# Question on peach tree varieties



## Mantaray (Aug 29, 2004)

Does anyone know what kind of peach trees Home Depot is selling? The label just listed a common name Prunus Persica but not what kind. I did a research and found 6 varieties: Elberta, Creshaven, Red Globe and Redhaven, Reliance and White Lady. I want the kind that blooms beautifully in the spring and that is Elberta. I wouldn't mind the kind that taste good like White Lady. 
By the way I asked the guys in Home Depot garden area and they haven't a slightest idea.


----------



## wickll (Oct 6, 2009)

If you want to produce consistently, you will need one of the varieties that have low chilling hours requirements. You may want to check with your local county agent to see if they have a list of recommended varieties. Or pm me and I can probably find some in my old notes. Or check with some of the local nurseries. They usually carry varieties suited for the area.


----------



## Ready.Fire.Aim (Sep 22, 2009)

*Stay away from home depot peaches*

I strongly advice you to stay away from home depot peaches. I"ve grown peaches for over 25 years and currently have over 50 fruit trees.

IF you are in a coastal county, I recommend Tropic Snow, MayPride, and Midpride.

It's getting very late to plant peaches. Best time is in Jan and Feb. IF interested I can send you to a better nursery than Home Depot.

good luck,
Louis


----------



## Mantaray (Aug 29, 2004)

Well, I haven't seen y'all replies this morning so I went to a local nursery and to my surprise they had different kinds other than the ones I found on my research. They had Babcock and Tropical White. So I picked Tropical White because they told me it tastes better. Tomorrow I will dig a hole and plant it. Thanks for y'all advice.

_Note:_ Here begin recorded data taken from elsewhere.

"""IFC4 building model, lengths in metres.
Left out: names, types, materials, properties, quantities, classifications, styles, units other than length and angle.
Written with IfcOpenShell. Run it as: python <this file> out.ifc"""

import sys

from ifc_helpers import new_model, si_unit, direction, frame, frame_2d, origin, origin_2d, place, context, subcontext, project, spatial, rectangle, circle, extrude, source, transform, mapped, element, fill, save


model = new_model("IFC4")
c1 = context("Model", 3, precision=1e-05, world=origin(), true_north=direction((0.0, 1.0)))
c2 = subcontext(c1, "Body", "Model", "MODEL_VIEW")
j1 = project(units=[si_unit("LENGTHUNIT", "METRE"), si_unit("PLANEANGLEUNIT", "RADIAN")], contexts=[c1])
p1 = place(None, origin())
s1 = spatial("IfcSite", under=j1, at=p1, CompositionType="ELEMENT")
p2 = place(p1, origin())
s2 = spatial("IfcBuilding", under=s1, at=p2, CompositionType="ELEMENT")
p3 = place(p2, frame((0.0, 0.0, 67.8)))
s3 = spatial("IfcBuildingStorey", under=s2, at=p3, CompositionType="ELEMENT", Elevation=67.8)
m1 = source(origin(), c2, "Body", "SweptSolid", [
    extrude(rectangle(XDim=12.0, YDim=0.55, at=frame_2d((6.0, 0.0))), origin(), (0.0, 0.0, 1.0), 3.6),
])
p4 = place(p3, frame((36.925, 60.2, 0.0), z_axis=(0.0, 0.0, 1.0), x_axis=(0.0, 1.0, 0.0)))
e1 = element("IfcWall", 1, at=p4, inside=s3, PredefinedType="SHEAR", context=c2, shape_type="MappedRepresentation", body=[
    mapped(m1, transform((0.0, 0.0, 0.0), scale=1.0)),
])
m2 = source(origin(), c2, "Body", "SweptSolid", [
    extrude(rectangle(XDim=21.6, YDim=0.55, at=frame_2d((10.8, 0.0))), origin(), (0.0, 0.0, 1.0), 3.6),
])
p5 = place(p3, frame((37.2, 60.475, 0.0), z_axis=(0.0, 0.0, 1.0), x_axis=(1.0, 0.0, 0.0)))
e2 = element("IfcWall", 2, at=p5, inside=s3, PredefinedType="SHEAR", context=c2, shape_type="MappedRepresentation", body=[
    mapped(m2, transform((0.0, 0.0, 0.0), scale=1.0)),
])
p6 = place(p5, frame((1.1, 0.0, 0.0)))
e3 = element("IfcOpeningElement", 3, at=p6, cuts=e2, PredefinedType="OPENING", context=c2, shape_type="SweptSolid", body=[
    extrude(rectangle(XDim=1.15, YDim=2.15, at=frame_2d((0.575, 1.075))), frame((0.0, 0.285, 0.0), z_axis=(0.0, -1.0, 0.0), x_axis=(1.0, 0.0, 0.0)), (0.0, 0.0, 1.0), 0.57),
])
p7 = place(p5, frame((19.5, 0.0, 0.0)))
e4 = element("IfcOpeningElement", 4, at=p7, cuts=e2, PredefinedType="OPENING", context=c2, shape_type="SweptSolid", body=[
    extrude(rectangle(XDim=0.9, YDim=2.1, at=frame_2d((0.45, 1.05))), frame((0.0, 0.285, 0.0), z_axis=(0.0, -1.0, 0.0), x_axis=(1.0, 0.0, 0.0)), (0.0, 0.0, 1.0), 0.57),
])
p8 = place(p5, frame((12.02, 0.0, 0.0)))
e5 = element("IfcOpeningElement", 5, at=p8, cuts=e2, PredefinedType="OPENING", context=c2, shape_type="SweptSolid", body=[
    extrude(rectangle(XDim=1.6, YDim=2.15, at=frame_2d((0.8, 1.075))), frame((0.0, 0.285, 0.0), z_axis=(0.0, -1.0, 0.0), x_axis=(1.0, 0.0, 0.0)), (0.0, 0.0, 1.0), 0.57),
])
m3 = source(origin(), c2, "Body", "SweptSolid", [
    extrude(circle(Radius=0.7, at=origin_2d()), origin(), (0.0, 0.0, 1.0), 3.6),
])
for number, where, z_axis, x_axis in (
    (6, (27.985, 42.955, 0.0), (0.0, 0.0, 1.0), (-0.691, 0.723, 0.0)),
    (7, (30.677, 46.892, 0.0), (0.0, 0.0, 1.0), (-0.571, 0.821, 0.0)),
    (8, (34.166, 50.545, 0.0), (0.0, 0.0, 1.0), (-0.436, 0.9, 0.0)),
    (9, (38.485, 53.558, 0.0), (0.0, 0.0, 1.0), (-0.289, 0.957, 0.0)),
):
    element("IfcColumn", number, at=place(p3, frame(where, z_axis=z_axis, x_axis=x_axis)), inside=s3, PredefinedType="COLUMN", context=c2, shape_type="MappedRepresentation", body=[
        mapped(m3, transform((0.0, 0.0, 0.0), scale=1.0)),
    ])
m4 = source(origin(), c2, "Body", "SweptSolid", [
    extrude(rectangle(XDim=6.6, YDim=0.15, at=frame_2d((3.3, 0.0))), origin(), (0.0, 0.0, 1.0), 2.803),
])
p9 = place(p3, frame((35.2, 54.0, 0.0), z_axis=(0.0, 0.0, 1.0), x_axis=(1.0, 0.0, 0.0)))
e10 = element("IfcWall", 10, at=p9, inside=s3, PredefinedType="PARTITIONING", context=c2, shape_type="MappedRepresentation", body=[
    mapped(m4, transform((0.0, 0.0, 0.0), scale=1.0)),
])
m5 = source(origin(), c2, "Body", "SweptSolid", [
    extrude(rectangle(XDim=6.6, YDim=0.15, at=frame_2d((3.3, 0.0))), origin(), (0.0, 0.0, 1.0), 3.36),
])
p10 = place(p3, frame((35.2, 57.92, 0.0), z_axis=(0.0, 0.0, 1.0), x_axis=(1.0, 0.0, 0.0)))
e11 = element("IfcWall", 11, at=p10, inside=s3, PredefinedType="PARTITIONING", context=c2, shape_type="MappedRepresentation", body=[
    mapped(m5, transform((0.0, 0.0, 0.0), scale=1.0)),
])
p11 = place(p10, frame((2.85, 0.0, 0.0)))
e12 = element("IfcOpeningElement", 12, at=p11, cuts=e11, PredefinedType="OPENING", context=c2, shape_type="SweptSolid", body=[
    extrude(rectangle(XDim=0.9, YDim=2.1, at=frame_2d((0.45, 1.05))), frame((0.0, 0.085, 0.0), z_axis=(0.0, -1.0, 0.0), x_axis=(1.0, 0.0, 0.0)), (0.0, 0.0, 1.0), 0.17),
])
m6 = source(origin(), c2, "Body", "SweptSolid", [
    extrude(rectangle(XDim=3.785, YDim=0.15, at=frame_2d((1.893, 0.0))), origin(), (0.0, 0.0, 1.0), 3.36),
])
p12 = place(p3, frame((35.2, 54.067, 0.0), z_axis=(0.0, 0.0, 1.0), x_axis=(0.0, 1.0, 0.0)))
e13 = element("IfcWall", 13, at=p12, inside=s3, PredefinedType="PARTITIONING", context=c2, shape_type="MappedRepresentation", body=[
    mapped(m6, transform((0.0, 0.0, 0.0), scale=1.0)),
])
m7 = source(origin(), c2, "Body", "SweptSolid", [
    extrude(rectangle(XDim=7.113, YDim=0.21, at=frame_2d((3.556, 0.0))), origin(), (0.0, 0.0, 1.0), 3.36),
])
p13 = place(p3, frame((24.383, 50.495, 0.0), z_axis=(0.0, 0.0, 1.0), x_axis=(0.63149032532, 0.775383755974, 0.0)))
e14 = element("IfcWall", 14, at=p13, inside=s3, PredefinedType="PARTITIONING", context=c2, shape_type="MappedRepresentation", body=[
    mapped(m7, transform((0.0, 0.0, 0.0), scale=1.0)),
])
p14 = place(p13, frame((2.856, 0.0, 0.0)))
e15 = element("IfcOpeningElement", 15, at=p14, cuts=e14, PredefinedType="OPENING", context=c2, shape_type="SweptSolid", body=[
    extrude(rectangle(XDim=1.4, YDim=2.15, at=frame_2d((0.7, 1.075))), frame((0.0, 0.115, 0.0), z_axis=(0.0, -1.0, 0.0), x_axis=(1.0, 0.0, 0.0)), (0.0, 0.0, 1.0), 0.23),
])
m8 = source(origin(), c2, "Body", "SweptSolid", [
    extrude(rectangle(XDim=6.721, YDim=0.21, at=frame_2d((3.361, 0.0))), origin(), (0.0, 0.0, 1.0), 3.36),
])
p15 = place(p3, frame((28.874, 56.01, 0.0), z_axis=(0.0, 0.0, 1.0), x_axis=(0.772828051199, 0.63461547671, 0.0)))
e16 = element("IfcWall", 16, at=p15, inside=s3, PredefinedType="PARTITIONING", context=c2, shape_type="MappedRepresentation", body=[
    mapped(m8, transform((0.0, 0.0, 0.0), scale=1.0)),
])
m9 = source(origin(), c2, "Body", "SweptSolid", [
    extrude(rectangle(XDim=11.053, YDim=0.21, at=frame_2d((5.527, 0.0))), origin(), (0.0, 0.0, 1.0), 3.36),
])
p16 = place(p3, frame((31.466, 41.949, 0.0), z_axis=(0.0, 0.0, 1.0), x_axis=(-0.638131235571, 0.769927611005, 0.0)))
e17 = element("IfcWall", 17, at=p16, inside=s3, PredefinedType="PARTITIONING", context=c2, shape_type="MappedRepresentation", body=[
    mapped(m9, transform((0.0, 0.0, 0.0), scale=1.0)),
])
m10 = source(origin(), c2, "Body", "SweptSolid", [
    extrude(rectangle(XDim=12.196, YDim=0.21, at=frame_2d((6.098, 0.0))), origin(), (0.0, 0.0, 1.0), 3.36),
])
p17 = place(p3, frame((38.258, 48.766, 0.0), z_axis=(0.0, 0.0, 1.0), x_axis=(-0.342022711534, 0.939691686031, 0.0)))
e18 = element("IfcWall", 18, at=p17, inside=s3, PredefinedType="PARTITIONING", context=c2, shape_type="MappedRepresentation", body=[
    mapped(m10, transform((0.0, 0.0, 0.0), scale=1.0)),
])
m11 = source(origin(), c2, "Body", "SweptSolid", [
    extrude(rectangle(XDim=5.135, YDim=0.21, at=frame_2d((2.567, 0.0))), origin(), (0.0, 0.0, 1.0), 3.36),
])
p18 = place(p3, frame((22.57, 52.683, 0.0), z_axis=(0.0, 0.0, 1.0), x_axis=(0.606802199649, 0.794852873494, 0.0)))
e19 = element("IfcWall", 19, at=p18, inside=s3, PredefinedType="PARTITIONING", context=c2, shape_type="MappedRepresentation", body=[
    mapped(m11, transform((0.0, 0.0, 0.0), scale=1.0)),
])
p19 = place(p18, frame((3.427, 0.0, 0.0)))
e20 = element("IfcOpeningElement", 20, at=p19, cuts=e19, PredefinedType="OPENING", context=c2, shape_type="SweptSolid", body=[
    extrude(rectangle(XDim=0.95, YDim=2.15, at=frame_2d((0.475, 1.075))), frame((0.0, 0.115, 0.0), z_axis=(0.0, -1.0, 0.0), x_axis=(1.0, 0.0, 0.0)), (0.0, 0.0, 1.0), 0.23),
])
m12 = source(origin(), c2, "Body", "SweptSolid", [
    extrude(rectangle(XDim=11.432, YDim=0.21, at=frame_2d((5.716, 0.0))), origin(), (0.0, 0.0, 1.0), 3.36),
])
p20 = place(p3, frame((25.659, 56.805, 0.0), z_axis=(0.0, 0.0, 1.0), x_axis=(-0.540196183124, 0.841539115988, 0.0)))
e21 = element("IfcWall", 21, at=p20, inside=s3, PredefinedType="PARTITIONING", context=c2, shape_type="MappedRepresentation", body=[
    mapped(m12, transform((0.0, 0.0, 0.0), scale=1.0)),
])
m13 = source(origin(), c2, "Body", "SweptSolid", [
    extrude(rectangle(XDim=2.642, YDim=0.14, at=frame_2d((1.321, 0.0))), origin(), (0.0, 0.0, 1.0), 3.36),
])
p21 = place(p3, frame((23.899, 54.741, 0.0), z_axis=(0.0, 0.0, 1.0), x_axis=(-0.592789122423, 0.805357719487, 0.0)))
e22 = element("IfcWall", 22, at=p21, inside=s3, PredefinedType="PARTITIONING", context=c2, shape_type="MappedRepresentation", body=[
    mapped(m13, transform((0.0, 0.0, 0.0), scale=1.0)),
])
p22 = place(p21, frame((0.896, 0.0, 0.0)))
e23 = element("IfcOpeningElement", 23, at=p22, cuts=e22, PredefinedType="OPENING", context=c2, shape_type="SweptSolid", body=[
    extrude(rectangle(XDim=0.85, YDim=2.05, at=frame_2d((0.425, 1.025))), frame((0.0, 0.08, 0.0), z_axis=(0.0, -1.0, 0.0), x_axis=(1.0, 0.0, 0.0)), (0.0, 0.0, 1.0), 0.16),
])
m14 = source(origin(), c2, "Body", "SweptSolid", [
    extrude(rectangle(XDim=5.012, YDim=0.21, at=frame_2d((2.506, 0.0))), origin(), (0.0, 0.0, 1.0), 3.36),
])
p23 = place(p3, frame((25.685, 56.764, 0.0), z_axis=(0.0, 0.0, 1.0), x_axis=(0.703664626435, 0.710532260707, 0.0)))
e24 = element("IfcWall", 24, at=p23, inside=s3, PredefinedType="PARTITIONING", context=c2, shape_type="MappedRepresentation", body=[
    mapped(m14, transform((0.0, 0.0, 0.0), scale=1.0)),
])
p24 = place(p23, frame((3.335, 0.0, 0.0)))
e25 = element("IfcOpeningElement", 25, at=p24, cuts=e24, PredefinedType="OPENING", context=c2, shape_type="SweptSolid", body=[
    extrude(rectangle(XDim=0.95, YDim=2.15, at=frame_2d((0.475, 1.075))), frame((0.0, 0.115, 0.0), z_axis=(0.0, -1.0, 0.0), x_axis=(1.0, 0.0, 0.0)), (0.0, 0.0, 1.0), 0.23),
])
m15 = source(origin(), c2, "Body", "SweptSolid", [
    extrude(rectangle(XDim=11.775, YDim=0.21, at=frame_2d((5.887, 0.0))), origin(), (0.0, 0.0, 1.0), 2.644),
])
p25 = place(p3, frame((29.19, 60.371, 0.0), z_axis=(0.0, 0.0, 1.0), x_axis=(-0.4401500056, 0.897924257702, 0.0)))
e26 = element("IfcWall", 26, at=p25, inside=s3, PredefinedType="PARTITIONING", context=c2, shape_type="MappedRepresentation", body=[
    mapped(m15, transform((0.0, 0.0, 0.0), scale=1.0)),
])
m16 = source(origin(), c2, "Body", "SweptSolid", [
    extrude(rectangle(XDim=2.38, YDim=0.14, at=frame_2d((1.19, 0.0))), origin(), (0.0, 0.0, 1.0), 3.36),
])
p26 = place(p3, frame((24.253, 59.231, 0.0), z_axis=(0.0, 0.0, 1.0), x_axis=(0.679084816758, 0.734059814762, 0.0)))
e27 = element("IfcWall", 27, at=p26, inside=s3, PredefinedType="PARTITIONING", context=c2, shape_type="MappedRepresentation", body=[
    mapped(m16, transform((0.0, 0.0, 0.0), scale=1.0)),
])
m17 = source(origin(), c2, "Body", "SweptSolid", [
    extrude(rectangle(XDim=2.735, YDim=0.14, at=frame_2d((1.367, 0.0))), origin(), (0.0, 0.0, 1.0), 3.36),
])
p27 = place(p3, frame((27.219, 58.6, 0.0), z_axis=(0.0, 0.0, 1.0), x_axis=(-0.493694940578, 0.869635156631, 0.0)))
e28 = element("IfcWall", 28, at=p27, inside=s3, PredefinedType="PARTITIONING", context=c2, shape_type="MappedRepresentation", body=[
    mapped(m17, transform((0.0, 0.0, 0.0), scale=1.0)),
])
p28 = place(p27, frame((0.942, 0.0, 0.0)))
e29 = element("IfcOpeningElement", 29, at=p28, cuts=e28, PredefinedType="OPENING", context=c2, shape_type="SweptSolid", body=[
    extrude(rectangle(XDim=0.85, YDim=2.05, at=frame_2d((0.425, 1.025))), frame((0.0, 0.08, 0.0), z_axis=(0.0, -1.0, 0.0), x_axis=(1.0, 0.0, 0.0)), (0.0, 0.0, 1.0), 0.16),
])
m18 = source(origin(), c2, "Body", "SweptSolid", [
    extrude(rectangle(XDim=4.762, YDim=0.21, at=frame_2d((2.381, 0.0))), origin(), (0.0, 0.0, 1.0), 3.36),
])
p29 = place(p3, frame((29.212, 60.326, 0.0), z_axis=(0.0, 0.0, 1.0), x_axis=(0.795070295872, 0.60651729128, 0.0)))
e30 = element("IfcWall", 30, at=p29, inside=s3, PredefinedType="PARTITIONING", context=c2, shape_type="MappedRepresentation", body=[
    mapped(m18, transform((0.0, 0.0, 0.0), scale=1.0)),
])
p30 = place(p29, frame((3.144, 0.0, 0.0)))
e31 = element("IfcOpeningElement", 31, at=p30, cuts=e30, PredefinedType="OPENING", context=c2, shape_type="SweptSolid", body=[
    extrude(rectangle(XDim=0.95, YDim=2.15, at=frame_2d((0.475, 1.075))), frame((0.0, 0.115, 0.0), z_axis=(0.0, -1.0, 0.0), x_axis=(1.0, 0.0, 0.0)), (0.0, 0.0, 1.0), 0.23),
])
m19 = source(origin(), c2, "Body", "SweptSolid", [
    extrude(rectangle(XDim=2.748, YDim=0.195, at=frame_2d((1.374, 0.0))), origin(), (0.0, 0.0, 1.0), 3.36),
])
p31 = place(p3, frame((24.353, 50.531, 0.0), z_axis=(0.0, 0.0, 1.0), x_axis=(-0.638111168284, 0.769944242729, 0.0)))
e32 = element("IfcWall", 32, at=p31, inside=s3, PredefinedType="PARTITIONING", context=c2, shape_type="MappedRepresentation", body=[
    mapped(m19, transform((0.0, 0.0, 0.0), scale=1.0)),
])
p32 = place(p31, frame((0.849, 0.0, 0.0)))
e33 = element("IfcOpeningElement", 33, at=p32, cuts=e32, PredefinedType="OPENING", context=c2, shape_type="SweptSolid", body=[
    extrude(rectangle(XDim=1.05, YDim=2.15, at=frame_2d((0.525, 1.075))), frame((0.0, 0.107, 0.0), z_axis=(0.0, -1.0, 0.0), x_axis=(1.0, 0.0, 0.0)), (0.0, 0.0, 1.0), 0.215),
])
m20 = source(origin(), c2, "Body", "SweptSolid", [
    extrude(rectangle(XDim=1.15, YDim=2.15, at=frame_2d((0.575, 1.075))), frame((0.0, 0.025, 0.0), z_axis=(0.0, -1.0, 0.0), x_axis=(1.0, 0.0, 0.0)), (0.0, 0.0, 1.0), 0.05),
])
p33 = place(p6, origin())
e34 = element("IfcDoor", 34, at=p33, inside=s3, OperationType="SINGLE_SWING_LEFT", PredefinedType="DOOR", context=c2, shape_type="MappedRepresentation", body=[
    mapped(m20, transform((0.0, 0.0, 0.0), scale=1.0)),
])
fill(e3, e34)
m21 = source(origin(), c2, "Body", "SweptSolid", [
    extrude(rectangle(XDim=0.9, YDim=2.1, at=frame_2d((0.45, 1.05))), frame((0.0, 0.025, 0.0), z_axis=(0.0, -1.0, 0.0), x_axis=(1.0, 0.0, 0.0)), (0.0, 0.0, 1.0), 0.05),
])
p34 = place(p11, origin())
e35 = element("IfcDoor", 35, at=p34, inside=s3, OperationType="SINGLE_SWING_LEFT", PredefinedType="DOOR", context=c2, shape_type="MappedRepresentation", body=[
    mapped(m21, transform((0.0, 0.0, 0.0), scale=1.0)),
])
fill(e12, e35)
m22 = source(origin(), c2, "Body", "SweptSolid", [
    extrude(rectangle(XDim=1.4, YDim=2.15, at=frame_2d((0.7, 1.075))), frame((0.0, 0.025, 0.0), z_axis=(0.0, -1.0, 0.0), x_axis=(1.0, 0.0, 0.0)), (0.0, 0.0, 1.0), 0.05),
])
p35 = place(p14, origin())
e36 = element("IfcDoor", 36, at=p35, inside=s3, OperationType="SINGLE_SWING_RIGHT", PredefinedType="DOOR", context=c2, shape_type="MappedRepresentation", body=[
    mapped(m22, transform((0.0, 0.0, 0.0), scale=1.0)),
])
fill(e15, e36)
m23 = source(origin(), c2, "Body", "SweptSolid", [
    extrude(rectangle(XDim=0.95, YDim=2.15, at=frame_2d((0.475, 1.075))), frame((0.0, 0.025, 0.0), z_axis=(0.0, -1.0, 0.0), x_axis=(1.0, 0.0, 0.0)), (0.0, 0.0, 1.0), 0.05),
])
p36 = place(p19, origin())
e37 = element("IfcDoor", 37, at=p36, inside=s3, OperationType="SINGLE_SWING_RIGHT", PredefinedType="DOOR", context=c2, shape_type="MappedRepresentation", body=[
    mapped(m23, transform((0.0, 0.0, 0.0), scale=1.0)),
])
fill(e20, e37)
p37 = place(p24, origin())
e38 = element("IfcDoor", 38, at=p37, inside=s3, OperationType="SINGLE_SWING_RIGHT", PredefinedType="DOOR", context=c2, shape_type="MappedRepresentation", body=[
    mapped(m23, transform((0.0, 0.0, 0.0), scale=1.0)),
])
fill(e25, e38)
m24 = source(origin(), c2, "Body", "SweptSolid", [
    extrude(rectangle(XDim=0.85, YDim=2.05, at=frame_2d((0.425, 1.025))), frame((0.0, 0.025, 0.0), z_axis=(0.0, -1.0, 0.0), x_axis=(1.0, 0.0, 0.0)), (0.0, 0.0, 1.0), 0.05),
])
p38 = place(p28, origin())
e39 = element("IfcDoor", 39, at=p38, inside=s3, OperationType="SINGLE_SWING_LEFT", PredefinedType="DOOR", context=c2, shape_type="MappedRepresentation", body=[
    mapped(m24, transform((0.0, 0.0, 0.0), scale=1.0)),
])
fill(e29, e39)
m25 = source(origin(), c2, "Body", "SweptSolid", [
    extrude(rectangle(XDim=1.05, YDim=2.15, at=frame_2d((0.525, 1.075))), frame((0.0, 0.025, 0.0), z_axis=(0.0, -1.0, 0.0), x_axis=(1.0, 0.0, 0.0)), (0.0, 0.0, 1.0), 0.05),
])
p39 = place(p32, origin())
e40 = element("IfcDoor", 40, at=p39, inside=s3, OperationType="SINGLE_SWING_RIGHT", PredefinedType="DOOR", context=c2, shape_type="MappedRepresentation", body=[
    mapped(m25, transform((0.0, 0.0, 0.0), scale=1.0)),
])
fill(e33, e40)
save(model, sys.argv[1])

Now I'm worrying if this tree would survive through the winter. I lost a lot of tropical trees in my garden this past winter (a mango tree , 2 papaya trees, a sweet guava tree and even a 3 year old meyer lemon tree). Despite the fact that I covered them tightly but they would actually needed a greenhouse to survive. So now I'm really scared of purchasing those tropical trees again. My satsuma orange tree lived through this past winter. I just planted a fuji apple tree, a satsuma tangerine tree and now this peach tree. I want all of my fruit trees to be winter hardened. If not, I would rather leave them in a big pot and break my back bringing them in and out of the house.


----------



## wickll (Oct 6, 2009)

I did a little searching on the internet regarding peach varieties. I am betting that the "tropical" in tropical white refers to its low chilling hours requirements. For a peach tree to set a good crop of fruit, the tree must receive a certain number of hours below a certain temperature (about 40 degrees, if I recall). In terms of the tree simply surviving the winter, I don't think you will have any problems.


----------



## Rusted Hook (Jul 24, 2006)

*Peach tree*

Early Amber and June Gold are really good tasting with low chill hours. You can set your calender that the June Gold's will be ready the 1st week in May. Now these are good for the Houston area. The larger ones are about the size of a tennis ball and are really sweet.


----------



## MR. L. (Jun 19, 2007)

peach trees do not like their feet wet plant in a raised bed for better production
google growing peach trees good info

good luck


----------



## Randy-z71 (Sep 10, 2007)

Sam Houston variety does great in southeast tx on the coast


----------